Ohio State Fan In A Coma For 4 Months Finally Responds When Asked If He Likes Michigan - "No."
The Guardian – An Ohio man who returned to the US in a coma after suffering a traumatic brain injury in a car accident overseas has given his family hope – by making clear his dislike for the state of Michigan.
Zach Lawrence, 38, suffered the injury in an accident in the former Soviet republic of Georgia in March. He returned to Columbus in April and, the Columbus Dispatch reports, doctors thought he had little chance of waking up. His family was told they could expect to turn off his feeding tube within six to 12 months.

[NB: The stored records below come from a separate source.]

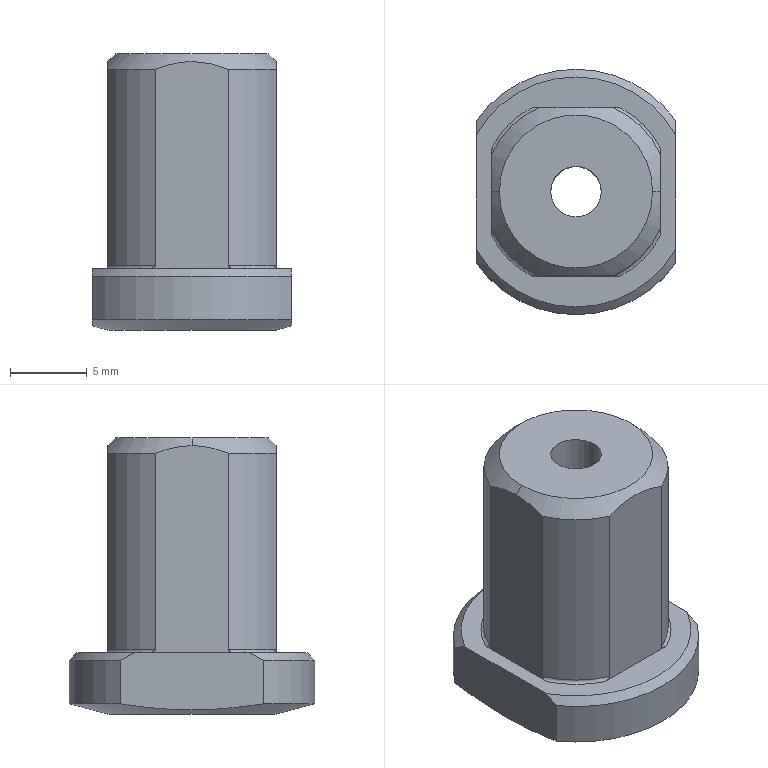Component | SolidWorks | DZ.KX.203-TC1505-30-09-01-05-18-1 | 1 solid | 27 faces | box 13 x 16 x 18 mm | volume 2023 mm3 | plane 9 | cylinder 8 | cone 6 | torus 4 | commonest cylinder face diameters 12 x4 3.3 x2 16 x2
STEP:
#1=COLOUR_RGB('',0.7922,0.8196,0.9333);
#2=FILL_AREA_STYLE_COLOUR('',#1);
#3=FILL_AREA_STYLE('',(#2));
#4=SURFACE_STYLE_FILL_AREA(#3);
#5=SURFACE_SIDE_STYLE('',(#4));
#6=SURFACE_STYLE_USAGE(.BOTH.,#5);
#7=PRESENTATION_STYLE_ASSIGNMENT((#6));
#8=CARTESIAN_POINT('',(11.53,-22.689,0.6716));
#9=VERTEX_POINT('',#8);
#10=CARTESIAN_POINT('',(11.659,-22.689,0.6716));
#11=VERTEX_POINT('',#10);
#12=CARTESIAN_POINT('',(11.594,-22.689,0.6716));
#13=DIRECTION('',(0.,0.,1.));
#14=DIRECTION('',(1.,0.,0.));
#15=AXIS2_PLACEMENT_3D('',#12,#13,#14);
#16=CIRCLE('',#15,0.06496);
#17=EDGE_CURVE('',#9,#11,#16,.T.);
#18=ORIENTED_EDGE('',*,*,#17,.F.);
#19=CARTESIAN_POINT('',(11.53,-22.689,1.38));
#20=VERTEX_POINT('',#19);
#21=CARTESIAN_POINT('',(11.53,-22.689,1.38));
#22=DIRECTION('',(0.,0.,1.));
#23=VECTOR('',#22,39.37);
#24=LINE('',#21,#23);
#25=EDGE_CURVE('',#9,#20,#24,.T.);
#26=ORIENTED_EDGE('',*,*,#25,.T.);
#27=CARTESIAN_POINT('',(11.659,-22.689,1.38));
#28=VERTEX_POINT('',#27);
#29=CARTESIAN_POINT('',(11.594,-22.689,1.38));
#30=DIRECTION('',(0.,0.,1.));
#31=DIRECTION('',(1.,0.,0.));
#32=AXIS2_PLACEMENT_3D('',#29,#30,#31);
#33=CIRCLE('',#32,0.06496);
#34=EDGE_CURVE('',#20,#28,#33,.T.);
#35=ORIENTED_EDGE('',*,*,#34,.T.);
#36=CARTESIAN_POINT('',(11.659,-22.689,1.38));
#37=DIRECTION('',(0.,0.,1.));
#38=VECTOR('',#37,39.37);
#39=LINE('',#36,#38);
#40=EDGE_CURVE('',#11,#28,#39,.T.);
#41=ORIENTED_EDGE('',*,*,#40,.F.);
#42=EDGE_LOOP('',(#18,#26,#35,#41));
#43=FACE_OUTER_BOUND('',#42,.T.);
#44=CARTESIAN_POINT('',(11.594,-22.689,1.38));
#45=DIRECTION('',(0.,0.,1.));
#46=DIRECTION('',(1.,0.,0.));
#47=AXIS2_PLACEMENT_3D('',#44,#45,#46);
#48=CYLINDRICAL_SURFACE('',#47,0.06496);
#49=ADVANCED_FACE('',(#43),#48,.F.);
#50=CARTESIAN_POINT('',(11.378,-22.689,0.6716));
#51=VERTEX_POINT('',#50);
#52=CARTESIAN_POINT('',(11.811,-22.689,0.6716));
#53=VERTEX_POINT('',#52);
#54=CARTESIAN_POINT('',(11.594,-22.689,0.6716));
#55=DIRECTION('',(-0.,-0.,-1.));
#56=DIRECTION('',(-1.,0.,0.));
#57=AXIS2_PLACEMENT_3D('',#54,#55,#56);
#58=CIRCLE('',#57,0.2165);
#59=EDGE_CURVE('',#51,#53,#58,.T.);
#60=ORIENTED_EDGE('',*,*,#59,.F.);
#61=CARTESIAN_POINT('',(11.339,-22.689,0.6822));
#62=VERTEX_POINT('',#61);
#63=CARTESIAN_POINT('',(11.28,-22.689,0.698));
#64=DIRECTION('',(-0.9659,0.,0.2588));
#65=VECTOR('',#64,39.37);
#66=LINE('',#63,#65);
#67=EDGE_CURVE('',#51,#62,#66,.T.);
#68=ORIENTED_EDGE('',*,*,#67,.T.);
#69=CARTESIAN_POINT('',(11.339,-22.506,0.698));
#70=VERTEX_POINT('',#69);
#71=CARTESIAN_POINT('',(11.339,-22.689,0.6822));
#72=CARTESIAN_POINT('',(11.339,-22.659,0.6822));
#73=CARTESIAN_POINT('',(11.339,-22.628,0.6837));
#74=CARTESIAN_POINT('',(11.339,-22.567,0.6892));
#75=CARTESIAN_POINT('',(11.339,-22.536,0.6933));
#76=CARTESIAN_POINT('',(11.339,-22.506,0.698));
#77=B_SPLINE_CURVE_WITH_KNOTS('',3,(#71,#72,#73,#74,#75,#76),.UNSPECIFIED.,.F.,.F.,(4,2,4),(0.0133,0.01565,0.018),.UNSPECIFIED.);
#78=EDGE_CURVE('',#62,#70,#77,.T.);
#79=ORIENTED_EDGE('',*,*,#78,.T.);
#80=CARTESIAN_POINT('',(11.85,-22.506,0.698));
#81=VERTEX_POINT('',#80);
#82=CARTESIAN_POINT('',(11.594,-22.689,0.698));
#83=DIRECTION('',(-0.,-0.,-1.));
#84=DIRECTION('',(-1.,0.,0.));
#85=AXIS2_PLACEMENT_3D('',#82,#83,#84);
#86=CIRCLE('',#85,0.315);
#87=EDGE_CURVE('',#70,#81,#86,.T.);
#88=ORIENTED_EDGE('',*,*,#87,.T.);
#89=CARTESIAN_POINT('',(11.85,-22.689,0.6822));
#90=VERTEX_POINT('',#89);
#91=CARTESIAN_POINT('',(11.85,-22.506,0.698));
#92=CARTESIAN_POINT('',(11.85,-22.536,0.6933));
#93=CARTESIAN_POINT('',(11.85,-22.567,0.6892));
#94=CARTESIAN_POINT('',(11.85,-22.628,0.6837));
#95=CARTESIAN_POINT('',(11.85,-22.659,0.6822));
#96=CARTESIAN_POINT('',(11.85,-22.689,0.6822));
#97=B_SPLINE_CURVE_WITH_KNOTS('',3,(#91,#92,#93,#94,#95,#96),.UNSPECIFIED.,.F.,.F.,(4,2,4),(0.02781,0.03015,0.03249),.UNSPECIFIED.);
#98=EDGE_CURVE('',#81,#90,#97,.T.);
#99=ORIENTED_EDGE('',*,*,#98,.T.);
#100=CARTESIAN_POINT('',(11.909,-22.689,0.698));
#101=DIRECTION('',(0.9659,0.,0.2588));
#102=VECTOR('',#101,39.37);
#103=LINE('',#100,#102);
#104=EDGE_CURVE('',#53,#90,#103,.T.);
#105=ORIENTED_EDGE('',*,*,#104,.F.);
#106=EDGE_LOOP('',(#60,#68,#79,#88,#99,#105));
#107=FACE_OUTER_BOUND('',#106,.T.);
#108=CARTESIAN_POINT('',(11.594,-22.689,0.698));
#109=DIRECTION('',(0.,0.,1.));
#110=DIRECTION('',(1.,0.,-0.));
#111=AXIS2_PLACEMENT_3D('',#108,#109,#110);
#112=CONICAL_SURFACE('',#111,0.315,1.309);
#113=ADVANCED_FACE('',(#107),#112,.T.);
#114=CARTESIAN_POINT('',(11.398,-22.689,1.38));
#115=VERTEX_POINT('',#114);
#116=CARTESIAN_POINT('',(11.791,-22.689,1.38));
#117=VERTEX_POINT('',#116);
#118=CARTESIAN_POINT('',(11.594,-22.689,1.38));
#119=DIRECTION('',(-0.,-0.,-1.));
#120=DIRECTION('',(-1.,0.,0.));
#121=AXIS2_PLACEMENT_3D('',#118,#119,#120);
#122=CIRCLE('',#121,0.1969);
#123=EDGE_CURVE('',#115,#117,#122,.T.);
#124=ORIENTED_EDGE('',*,*,#123,.T.);
#125=CARTESIAN_POINT('',(11.811,-22.689,1.361));
#126=VERTEX_POINT('',#125);
#127=CARTESIAN_POINT('',(11.791,-22.689,1.38));
#128=DIRECTION('',(0.7071,-0.,-0.7071));
#129=VECTOR('',#128,39.37);
#130=LINE('',#127,#129);
#131=EDGE_CURVE('',#117,#126,#130,.T.);
#132=ORIENTED_EDGE('',*,*,#131,.T.);
#133=CARTESIAN_POINT('',(11.811,-22.595,1.341));
#134=VERTEX_POINT('',#133);
#135=CARTESIAN_POINT('',(11.811,-22.595,1.341));
#136=CARTESIAN_POINT('',(11.811,-22.61,1.347));
#137=CARTESIAN_POINT('',(11.811,-22.625,1.352));
#138=CARTESIAN_POINT('',(11.811,-22.649,1.357));
#139=CARTESIAN_POINT('',(11.811,-22.657,1.358));
#140=CARTESIAN_POINT('',(11.811,-22.673,1.36));
#141=CARTESIAN_POINT('',(11.811,-22.681,1.361));
#142=CARTESIAN_POINT('',(11.811,-22.689,1.361));
#143=B_SPLINE_CURVE_WITH_KNOTS('',3,(#135,#136,#137,#138,#139,#140,#141,#142),.UNSPECIFIED.,.F.,.F.,(4,2,2,4),(0.004827,0.006044,0.006653,0.007262),.UNSPECIFIED.);
#144=EDGE_CURVE('',#134,#126,#143,.T.);
#145=ORIENTED_EDGE('',*,*,#144,.F.);
#146=CARTESIAN_POINT('',(11.689,-22.473,1.341));
#147=VERTEX_POINT('',#146);
#148=CARTESIAN_POINT('',(11.594,-22.689,1.341));
#149=DIRECTION('',(-0.,-0.,-1.));
#150=DIRECTION('',(-1.,0.,0.));
#151=AXIS2_PLACEMENT_3D('',#148,#149,#150);
#152=CIRCLE('',#151,0.2362);
#153=EDGE_CURVE('',#147,#134,#152,.T.);
#154=ORIENTED_EDGE('',*,*,#153,.F.);
#155=CARTESIAN_POINT('',(11.5,-22.473,1.341));
#156=VERTEX_POINT('',#155);
#157=CARTESIAN_POINT('',(11.5,-22.473,1.341));
#158=CARTESIAN_POINT('',(11.515,-22.473,1.347));
#159=CARTESIAN_POINT('',(11.531,-22.473,1.352));
#160=CARTESIAN_POINT('',(11.554,-22.473,1.357));
#161=CARTESIAN_POINT('',(11.562,-22.473,1.358));
#162=CARTESIAN_POINT('',(11.578,-22.473,1.36));
#163=CARTESIAN_POINT('',(11.587,-22.473,1.361));
#164=CARTESIAN_POINT('',(11.611,-22.473,1.361));
#165=CARTESIAN_POINT('',(11.627,-22.473,1.359));
#166=CARTESIAN_POINT('',(11.659,-22.473,1.352));
#167=CARTESIAN_POINT('',(11.674,-22.473,1.347));
#168=CARTESIAN_POINT('',(11.689,-22.473,1.341));
#169=B_SPLINE_CURVE_WITH_KNOTS('',3,(#157,#158,#159,#160,#161,#162,#163,#164,#165,#166,#167,#168),.UNSPECIFIED.,.F.,.F.,(4,2,2,2,2,4),(0.004827,0.006047,0.006657,0.007266,0.008486,0.009706),.UNSPECIFIED.);
#170=EDGE_CURVE('',#156,#147,#169,.T.);
#171=ORIENTED_EDGE('',*,*,#170,.F.);
#172=CARTESIAN_POINT('',(11.378,-22.595,1.341));
#173=VERTEX_POINT('',#172);
#174=CARTESIAN_POINT('',(11.594,-22.689,1.341));
#175=DIRECTION('',(-0.,-0.,-1.));
#176=DIRECTION('',(-1.,0.,0.));
#177=AXIS2_PLACEMENT_3D('',#174,#175,#176);
#178=CIRCLE('',#177,0.2362);
#179=EDGE_CURVE('',#173,#156,#178,.T.);
#180=ORIENTED_EDGE('',*,*,#179,.F.);
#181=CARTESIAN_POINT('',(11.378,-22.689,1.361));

Four months later, though, Lawrence was asked to press a “yes” or “no” button in answer to the question of whether or not he liked Michigan. To the delight of his family, the lifelong Ohio State football fan hit “no” twice.
Folks if you were ever in doubt that sports are the best part of life look no further than this story out of Columbus. Zach Lawrence critically injured in a car crash overseas, flown back on life support with an extraordinarily dim diagnosis. 6-12 months to live max. Four months later and everyone maybe starting to give up hope a little bit, doctors give him a simple test, a long shot – push this button once if you like Michigan, two if you hate them.
Instant double smash.
Reminds me of Interstellar where Matthew McConaughey ends up in the tesseract communicating with his daughter because “love isn’t something that we invented. It’s… observable, powerful. Love is the one thing we’re capable of perceiving that transcends dimensions of time and space.” Only in this case instead of love for a child, it’s hate for those motherfuckers up North. Planes of consciousness make no difference. It’s so ingrained in him, so hardwired into his DNA that he unconsciously responds to questions about his team loyalty. It’s a beautiful thing.
“He’s now considered semiconscious,” she told the Dispatch, adding that the family were “not sure how we got so lucky for them to take him in”.
“He always makes a face when we mention Michigan,” she said. “We’re pretty sure he’s in there.”
Hoping Zach has a full recovery and makes it back to The Shoe to yell “FUCK MICHIGAN” from the front row.
Lawrence has begun making sounds, keeping his eyes open and smiling at his children, the newspaper reported. Lawrence is also able to give a thumbs up, stand on a treadmill and hold a crayon or pencil, the better to color with his six-year-old daughter, Adrianne, and four-year-old son, Donovan.